I agree that @MyNameIsTooLon gave good descriptions, but still not enough to explain the description originally from Jung. If one aspect of the Si difference in perception could only really be perceived by others in artwork attempting to accurately replicate an object, then it must be something about the artists interpretation of sensory data that can sometimes differs from what is actually there. Common sense tells us that this difference must be subtle, because typical, healthy Si doms aren't seen as crazy for seeing things that don't exist. Although, I think Jung was saying in a mentally ill Si dom, the difference between reality sense impressions and Si perceptions would be extreme. 
Jung mentions this in addition to 'looking through age old eyes' and 'depth, meaningful'.


----------



## Kynx (Feb 6, 2012)

mimesis said:


> You interpret what you sense based on what it 'triggers' inside.
> 
> 
> 
> ...


Yes that's along the same lines as what I was thinking, not so much 'reminding' necessarily and definitely not consciously, just to be clear. Since whatever is perceived is altered at the source, it's not a conscious adjustment. 
I'm particularly focusing on the perception of physical appearance of the object changing. Like for instance, I can see a dog and make a judgement that it's the ugliest dog I've ever seen. Then later, after getting to know the dog, I may look at it and can't see why I originally thought it was ugly, even though I clearly remember thinking so, initially.


----------



## Kynx (Feb 6, 2012)

LiquidLight said:


> Basically the definition of introverted sensation (at least in the Jungian sense). Where the subjective impression of the sense perception carries more weight than the actual qualities of the sense experience itself. You're more focused on what you get out of an experience or how something is perceived to you.
> 
> 
> 
> ...


I suppose anyone who doesn't have dominant Si will not be able to effectively separate it in order to gain a clear concept of it. In the same way that I've noticed when trying to explain dominant feeling to other types, they aren't able to imagine it as separate from personal emotional experiences or feeling-intuition experiences.


----------



## niss (Apr 25, 2010)

Neverontime said:


> When I get to know a person better, their personality affects how I perceive their physical appearance. I find they look more or less attractive depending on whether I like their personality or not.
> Is this related to Si?
> 
> Also, I don't notice things gradually changing in appearance, I just get a sudden realisation at some point, how much something has changed.
> ...


 @LiquidLight and @Avian have shared some good information. 

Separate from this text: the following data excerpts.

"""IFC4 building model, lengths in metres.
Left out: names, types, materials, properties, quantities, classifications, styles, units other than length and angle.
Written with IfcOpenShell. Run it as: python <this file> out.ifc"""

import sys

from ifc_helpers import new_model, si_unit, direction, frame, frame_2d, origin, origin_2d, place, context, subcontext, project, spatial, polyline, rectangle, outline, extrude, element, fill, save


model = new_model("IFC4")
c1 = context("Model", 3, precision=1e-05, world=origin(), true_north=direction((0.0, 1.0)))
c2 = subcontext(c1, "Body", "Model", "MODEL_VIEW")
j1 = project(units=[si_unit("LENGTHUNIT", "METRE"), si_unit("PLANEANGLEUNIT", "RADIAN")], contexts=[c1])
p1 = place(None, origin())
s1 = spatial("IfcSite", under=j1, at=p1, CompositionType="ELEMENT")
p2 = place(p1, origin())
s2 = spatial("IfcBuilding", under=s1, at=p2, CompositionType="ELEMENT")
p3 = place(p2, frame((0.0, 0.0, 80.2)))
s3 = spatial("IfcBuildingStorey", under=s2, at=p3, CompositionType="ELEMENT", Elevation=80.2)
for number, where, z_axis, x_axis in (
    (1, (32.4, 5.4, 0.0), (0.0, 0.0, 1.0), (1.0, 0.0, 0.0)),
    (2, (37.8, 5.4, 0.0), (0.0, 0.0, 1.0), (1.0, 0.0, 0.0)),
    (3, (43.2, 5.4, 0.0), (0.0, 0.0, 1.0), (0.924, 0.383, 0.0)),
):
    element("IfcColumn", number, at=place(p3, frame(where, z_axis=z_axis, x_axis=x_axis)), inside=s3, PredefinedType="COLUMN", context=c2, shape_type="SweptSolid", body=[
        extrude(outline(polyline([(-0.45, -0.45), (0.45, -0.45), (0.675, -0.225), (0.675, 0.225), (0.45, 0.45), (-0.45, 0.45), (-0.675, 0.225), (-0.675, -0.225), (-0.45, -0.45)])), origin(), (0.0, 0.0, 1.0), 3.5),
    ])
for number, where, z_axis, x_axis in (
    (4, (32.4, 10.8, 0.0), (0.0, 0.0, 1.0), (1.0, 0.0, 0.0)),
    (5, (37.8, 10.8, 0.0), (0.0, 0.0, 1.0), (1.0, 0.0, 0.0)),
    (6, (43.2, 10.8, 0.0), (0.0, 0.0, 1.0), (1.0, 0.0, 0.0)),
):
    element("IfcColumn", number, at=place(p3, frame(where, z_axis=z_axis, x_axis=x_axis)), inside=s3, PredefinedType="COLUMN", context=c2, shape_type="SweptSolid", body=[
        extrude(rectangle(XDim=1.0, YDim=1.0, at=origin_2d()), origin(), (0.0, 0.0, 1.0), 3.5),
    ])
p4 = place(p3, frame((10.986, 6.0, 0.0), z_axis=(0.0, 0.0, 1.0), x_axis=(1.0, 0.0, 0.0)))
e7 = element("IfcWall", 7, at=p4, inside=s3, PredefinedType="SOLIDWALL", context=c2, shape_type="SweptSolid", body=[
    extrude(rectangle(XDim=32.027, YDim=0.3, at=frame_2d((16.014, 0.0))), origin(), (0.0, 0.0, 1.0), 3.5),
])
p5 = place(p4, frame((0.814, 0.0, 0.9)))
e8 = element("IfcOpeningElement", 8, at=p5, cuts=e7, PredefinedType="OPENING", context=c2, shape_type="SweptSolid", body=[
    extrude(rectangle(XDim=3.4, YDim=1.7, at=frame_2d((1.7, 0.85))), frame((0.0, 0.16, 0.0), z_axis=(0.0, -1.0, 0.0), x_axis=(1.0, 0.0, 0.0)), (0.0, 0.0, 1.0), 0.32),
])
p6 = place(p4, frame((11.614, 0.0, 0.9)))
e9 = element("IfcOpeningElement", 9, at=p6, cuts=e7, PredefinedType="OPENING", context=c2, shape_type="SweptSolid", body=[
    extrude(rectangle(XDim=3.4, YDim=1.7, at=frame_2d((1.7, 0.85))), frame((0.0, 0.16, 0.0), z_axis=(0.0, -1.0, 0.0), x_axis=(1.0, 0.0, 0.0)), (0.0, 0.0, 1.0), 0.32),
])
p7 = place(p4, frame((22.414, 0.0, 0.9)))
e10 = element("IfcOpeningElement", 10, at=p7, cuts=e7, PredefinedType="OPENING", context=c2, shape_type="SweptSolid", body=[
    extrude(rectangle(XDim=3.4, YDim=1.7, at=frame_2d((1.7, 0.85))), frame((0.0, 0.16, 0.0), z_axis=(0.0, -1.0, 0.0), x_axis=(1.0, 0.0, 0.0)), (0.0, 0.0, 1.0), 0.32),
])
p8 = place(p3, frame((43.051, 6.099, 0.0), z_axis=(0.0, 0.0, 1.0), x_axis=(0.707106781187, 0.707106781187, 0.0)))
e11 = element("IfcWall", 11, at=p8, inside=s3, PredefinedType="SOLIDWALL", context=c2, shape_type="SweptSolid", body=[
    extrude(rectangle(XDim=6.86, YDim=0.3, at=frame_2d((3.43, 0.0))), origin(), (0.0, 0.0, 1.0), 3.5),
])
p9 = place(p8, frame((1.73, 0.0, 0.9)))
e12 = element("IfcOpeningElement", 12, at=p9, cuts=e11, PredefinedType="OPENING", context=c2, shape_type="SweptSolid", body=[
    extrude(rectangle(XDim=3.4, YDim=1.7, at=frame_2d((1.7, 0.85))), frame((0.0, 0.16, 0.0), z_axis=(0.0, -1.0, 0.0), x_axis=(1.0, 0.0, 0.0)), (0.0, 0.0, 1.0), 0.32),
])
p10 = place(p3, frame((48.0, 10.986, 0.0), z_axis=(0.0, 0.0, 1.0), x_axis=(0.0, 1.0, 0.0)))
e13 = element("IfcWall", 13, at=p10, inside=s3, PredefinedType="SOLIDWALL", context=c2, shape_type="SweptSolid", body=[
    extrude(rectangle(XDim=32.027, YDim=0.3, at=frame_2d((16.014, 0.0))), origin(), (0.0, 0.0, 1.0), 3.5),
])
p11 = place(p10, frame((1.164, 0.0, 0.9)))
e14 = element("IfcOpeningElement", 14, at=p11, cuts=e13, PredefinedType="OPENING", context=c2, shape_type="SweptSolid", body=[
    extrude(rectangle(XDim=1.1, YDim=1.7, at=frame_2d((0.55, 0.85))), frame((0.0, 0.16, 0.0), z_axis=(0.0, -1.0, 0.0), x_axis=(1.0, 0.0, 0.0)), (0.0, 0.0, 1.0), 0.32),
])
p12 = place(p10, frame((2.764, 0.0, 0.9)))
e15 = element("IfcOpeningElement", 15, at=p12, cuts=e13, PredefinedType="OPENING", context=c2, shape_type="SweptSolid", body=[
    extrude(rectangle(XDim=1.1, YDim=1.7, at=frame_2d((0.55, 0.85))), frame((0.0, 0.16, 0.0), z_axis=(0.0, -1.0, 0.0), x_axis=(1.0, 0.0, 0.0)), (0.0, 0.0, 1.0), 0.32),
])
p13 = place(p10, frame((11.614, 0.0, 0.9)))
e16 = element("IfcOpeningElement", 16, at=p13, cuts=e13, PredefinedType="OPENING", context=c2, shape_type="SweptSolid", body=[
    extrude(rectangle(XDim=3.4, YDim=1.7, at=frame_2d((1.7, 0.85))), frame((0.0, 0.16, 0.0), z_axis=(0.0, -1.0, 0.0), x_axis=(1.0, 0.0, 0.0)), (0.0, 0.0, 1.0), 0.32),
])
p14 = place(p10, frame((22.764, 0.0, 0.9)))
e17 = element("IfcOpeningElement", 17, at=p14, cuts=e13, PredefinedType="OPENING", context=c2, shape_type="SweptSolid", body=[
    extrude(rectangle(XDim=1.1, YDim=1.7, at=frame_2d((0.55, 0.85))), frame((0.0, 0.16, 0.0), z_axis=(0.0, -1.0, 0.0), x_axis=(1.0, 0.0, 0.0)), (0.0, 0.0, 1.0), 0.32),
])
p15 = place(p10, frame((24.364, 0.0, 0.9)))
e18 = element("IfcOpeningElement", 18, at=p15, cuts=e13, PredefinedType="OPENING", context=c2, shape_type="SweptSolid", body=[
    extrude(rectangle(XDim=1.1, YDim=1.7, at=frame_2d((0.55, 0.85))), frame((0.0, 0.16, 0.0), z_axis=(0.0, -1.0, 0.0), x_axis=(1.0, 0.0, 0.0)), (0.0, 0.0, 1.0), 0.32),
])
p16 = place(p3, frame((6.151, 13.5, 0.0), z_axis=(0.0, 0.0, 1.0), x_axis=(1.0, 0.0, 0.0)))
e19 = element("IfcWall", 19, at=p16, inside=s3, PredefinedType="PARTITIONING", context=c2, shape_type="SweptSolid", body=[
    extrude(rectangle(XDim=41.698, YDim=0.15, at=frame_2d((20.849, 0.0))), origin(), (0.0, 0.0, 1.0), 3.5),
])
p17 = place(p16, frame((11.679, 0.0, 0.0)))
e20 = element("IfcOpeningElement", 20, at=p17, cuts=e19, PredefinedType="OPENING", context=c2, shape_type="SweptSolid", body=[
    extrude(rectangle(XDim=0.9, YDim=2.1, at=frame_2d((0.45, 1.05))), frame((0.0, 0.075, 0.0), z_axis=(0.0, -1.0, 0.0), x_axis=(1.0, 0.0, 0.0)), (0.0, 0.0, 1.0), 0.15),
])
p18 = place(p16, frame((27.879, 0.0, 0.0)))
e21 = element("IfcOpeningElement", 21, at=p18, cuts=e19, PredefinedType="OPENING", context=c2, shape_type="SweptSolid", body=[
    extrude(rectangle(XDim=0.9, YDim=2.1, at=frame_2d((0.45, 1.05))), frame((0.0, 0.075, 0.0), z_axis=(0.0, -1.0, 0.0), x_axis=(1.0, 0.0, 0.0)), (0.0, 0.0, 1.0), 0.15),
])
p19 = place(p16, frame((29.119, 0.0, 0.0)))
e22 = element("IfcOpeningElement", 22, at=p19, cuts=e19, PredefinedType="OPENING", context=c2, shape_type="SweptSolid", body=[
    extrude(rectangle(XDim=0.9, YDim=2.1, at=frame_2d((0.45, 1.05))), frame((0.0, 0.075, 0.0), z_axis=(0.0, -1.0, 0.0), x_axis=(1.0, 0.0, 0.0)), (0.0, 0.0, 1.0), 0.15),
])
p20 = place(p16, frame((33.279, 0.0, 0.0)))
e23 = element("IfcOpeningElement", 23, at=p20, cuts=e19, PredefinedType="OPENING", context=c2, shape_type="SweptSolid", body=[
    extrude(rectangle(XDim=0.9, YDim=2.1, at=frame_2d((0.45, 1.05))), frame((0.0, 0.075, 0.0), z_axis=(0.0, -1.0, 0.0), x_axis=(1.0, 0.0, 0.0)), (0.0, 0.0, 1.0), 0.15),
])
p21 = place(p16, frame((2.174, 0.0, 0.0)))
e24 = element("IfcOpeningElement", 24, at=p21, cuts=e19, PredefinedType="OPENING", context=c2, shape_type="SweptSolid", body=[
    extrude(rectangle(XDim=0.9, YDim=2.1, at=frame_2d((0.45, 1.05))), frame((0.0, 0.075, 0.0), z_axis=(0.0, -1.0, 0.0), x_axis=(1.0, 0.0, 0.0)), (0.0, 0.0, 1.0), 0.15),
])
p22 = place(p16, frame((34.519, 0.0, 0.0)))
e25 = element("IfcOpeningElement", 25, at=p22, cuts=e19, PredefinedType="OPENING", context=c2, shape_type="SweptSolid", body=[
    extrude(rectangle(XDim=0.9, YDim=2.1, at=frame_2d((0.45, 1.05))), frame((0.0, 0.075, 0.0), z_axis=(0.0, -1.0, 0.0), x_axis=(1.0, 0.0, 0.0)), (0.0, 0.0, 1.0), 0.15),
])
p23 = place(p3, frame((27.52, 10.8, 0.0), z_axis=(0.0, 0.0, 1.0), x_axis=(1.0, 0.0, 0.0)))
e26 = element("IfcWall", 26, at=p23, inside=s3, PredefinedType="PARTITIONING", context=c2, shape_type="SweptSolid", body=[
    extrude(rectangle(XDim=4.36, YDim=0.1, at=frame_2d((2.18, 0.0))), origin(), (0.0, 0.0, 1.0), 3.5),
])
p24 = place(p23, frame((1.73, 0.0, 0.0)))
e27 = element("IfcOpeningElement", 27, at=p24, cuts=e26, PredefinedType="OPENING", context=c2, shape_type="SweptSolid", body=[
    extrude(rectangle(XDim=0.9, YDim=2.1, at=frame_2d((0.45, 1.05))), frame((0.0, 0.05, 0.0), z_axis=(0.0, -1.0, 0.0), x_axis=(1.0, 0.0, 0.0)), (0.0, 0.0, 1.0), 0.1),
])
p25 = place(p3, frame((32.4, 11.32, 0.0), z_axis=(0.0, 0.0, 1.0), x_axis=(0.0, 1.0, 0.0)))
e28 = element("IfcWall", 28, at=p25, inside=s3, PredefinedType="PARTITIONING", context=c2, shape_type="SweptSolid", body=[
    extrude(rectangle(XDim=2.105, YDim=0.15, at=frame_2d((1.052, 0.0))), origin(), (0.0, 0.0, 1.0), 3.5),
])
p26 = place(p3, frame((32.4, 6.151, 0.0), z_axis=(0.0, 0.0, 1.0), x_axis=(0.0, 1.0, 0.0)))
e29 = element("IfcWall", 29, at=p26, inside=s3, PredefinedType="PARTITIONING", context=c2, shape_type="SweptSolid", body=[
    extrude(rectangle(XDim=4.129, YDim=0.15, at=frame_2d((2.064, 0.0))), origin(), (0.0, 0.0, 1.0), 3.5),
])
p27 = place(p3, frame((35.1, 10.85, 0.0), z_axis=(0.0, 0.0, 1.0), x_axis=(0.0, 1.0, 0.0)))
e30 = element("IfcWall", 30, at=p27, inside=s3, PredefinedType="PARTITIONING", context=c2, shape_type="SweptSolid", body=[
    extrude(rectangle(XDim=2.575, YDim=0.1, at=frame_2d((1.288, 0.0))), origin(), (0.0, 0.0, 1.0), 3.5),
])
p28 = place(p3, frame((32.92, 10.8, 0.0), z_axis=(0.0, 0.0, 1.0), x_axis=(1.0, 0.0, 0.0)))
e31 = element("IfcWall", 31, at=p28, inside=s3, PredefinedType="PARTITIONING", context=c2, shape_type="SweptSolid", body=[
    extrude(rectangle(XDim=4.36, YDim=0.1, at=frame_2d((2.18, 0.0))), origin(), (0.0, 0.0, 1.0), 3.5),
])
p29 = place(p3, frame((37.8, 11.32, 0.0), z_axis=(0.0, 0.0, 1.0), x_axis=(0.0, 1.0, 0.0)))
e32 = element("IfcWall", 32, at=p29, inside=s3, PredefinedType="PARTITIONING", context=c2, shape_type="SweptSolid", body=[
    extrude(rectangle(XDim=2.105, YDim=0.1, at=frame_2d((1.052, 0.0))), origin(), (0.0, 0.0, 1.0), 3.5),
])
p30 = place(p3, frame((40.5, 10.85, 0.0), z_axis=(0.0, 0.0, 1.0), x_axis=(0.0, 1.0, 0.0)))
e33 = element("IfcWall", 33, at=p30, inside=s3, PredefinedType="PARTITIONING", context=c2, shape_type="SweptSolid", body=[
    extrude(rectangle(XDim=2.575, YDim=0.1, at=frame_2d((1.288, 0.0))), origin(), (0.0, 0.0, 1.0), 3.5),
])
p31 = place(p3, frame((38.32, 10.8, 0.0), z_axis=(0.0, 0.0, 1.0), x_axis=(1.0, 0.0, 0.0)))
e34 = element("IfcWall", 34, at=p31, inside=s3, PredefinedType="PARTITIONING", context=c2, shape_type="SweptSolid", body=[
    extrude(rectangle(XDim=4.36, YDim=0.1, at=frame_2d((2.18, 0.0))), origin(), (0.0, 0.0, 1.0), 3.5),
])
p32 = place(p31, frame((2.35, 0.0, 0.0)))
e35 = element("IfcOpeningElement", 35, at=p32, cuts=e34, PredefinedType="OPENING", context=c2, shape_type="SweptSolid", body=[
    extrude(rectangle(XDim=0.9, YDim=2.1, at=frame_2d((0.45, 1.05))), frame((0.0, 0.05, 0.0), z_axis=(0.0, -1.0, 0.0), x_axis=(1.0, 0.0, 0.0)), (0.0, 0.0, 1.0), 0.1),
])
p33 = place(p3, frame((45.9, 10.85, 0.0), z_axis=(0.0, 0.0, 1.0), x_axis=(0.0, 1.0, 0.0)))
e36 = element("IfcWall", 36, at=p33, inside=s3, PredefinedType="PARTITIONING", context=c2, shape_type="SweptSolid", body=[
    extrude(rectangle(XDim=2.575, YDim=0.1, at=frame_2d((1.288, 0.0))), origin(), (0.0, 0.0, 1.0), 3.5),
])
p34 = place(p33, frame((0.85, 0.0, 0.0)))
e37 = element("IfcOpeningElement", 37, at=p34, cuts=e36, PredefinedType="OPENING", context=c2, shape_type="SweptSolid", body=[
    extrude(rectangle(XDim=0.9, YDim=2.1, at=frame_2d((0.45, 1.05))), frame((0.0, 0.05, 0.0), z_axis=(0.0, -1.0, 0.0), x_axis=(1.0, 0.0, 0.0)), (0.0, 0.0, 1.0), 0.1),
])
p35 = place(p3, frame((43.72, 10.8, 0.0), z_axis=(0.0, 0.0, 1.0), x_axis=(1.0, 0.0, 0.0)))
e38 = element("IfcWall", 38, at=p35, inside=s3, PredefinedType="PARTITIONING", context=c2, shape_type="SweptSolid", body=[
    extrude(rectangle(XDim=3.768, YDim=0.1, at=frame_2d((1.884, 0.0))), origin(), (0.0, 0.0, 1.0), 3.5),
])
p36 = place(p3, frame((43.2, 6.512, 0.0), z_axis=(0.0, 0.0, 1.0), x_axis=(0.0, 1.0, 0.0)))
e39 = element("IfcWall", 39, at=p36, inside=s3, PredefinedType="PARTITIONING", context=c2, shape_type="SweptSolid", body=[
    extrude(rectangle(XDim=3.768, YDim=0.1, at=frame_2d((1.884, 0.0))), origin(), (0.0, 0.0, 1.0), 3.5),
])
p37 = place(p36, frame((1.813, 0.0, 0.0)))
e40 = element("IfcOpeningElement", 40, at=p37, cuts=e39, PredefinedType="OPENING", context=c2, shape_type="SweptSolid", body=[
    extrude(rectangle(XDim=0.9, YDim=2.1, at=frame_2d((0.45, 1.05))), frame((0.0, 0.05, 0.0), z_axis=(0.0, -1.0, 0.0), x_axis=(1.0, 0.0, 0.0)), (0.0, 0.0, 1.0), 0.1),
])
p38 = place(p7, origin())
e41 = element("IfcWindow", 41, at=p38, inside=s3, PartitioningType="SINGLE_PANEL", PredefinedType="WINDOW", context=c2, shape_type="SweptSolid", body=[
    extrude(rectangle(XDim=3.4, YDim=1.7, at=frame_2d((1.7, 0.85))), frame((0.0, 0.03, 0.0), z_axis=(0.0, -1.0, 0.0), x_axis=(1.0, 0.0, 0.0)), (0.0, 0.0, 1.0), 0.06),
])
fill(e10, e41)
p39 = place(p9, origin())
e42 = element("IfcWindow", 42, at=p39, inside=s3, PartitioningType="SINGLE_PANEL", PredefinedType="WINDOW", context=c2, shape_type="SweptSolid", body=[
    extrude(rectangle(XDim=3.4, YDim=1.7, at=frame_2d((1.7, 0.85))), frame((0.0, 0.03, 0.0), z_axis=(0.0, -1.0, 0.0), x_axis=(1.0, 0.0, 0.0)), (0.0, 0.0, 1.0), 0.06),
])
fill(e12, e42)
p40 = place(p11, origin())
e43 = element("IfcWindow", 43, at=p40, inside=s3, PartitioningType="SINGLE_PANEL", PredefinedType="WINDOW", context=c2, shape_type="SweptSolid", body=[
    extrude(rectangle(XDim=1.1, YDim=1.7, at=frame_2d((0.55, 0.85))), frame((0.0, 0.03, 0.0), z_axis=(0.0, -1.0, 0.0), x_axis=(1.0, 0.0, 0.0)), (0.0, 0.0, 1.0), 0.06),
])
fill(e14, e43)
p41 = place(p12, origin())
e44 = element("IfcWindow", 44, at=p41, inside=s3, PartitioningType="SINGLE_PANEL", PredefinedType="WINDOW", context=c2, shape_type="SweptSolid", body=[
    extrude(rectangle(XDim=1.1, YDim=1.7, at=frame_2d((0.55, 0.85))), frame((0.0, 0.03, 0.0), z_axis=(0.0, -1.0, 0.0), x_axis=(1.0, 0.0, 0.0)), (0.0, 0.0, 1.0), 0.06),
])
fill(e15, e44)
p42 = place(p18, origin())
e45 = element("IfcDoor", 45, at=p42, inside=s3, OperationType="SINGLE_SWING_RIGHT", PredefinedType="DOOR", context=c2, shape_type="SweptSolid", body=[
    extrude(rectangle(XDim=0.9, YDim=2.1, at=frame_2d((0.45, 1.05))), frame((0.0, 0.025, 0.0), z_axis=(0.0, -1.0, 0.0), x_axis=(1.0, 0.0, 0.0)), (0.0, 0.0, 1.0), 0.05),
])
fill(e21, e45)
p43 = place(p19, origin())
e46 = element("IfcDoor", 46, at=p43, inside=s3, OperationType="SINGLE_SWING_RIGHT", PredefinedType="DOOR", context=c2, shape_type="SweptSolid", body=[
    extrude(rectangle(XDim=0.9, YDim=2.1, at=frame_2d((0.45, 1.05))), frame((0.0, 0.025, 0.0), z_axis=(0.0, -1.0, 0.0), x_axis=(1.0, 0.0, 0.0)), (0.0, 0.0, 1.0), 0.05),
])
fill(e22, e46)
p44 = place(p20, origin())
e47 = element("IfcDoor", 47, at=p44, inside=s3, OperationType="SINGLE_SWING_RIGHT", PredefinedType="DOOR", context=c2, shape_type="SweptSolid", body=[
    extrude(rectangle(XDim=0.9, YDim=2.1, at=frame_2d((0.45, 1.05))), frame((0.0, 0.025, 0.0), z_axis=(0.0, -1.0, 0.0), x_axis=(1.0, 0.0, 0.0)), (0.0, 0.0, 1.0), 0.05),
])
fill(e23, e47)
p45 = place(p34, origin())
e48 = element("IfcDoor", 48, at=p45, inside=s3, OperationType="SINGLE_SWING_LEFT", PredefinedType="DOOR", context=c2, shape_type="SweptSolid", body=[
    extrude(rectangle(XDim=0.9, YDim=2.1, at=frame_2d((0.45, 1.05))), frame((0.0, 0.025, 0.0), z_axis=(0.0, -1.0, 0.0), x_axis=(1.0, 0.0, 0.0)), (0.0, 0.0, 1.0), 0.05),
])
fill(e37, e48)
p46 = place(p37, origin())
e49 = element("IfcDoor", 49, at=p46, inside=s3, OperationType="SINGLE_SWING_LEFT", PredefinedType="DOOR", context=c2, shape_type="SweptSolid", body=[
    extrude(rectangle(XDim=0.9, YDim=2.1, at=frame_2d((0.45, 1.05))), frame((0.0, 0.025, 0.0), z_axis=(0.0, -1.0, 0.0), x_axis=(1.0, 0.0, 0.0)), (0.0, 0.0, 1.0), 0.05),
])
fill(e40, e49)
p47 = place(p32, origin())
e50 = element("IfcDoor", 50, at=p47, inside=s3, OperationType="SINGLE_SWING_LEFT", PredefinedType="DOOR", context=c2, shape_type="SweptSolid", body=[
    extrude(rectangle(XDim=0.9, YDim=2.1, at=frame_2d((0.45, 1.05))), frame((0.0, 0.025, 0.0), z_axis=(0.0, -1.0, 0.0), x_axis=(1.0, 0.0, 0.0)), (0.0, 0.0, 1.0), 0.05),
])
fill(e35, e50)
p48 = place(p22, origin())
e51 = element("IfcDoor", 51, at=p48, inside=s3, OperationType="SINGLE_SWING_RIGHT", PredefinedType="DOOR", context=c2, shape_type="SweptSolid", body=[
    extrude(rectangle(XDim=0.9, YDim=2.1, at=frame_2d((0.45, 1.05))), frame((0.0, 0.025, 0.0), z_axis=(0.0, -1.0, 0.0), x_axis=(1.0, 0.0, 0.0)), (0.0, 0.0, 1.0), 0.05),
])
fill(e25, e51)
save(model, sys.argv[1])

Directly, what you have described is not Si, but memories and our reaction to them.

As a Si-dom, if I understand a concept, then I start with a finished picture when stimuli referencing that concept is presented to me. As additional information is introduced, I will change my picture of the concept to fit within the newly supplied information.

If I don't understand a concept and it is not central to what is being experienced, I will be ok with maintaining a nebulous understanding and proceeding with the processing of the information being presented. If it piques my interest, I will go back at a later date and research that concept until I understand it to my satisfaction.

If I don't understand a concept and it is central to what is being experienced, I won't be ok with a nebulous understanding. Depending on the circumstances, I will either be lost as to the subject matter, or I will have to stop the bigger processing of information until I can disassemble the concept into it's component parts, and then reassemble them once they are understood, into the larger concept.

Here are links to a couple of posts from some time back, where I delved into discussing Si in relation to understanding the concept of a "pond":

http://personalitycafe.com/istj-forum-duty-fulfillers/95543-strengthen-si.html#post2407858

http://personalitycafe.com/istj-forum-duty-fulfillers/95543-strengthen-si.html#post2411206

HTH


----------



## mimesis (Apr 10, 2012)

LiquidLight said:


> If it was indeed Si you start getting into the question of 'do only Si types experience this?' and so forth and it gets silly quickly.


I don't think only Si types experience this, but I could imagine they are more susceptible to this. 

I can't imagine any function to develop and operate without using memory. 

For Jung these Si 'images' may be "concerned with presuppositions, or dispositions of the collective unconscious, with mythological images, with primal possibilities of ideas". I don't reject this notion, but I really don't see why these Si images are only 'primordinal' or as 'random' in its relation to the object, as Jung suggests. 

If we are food-poisoned from certain food we will likely be filled with disgust when we even think about eating it again, and even worse when we see it. The example I gave is a comparable extreme example to illustrate how past experience can influence perception and interpretation, triggered by perceived similarity, and projected on the stimulus object. 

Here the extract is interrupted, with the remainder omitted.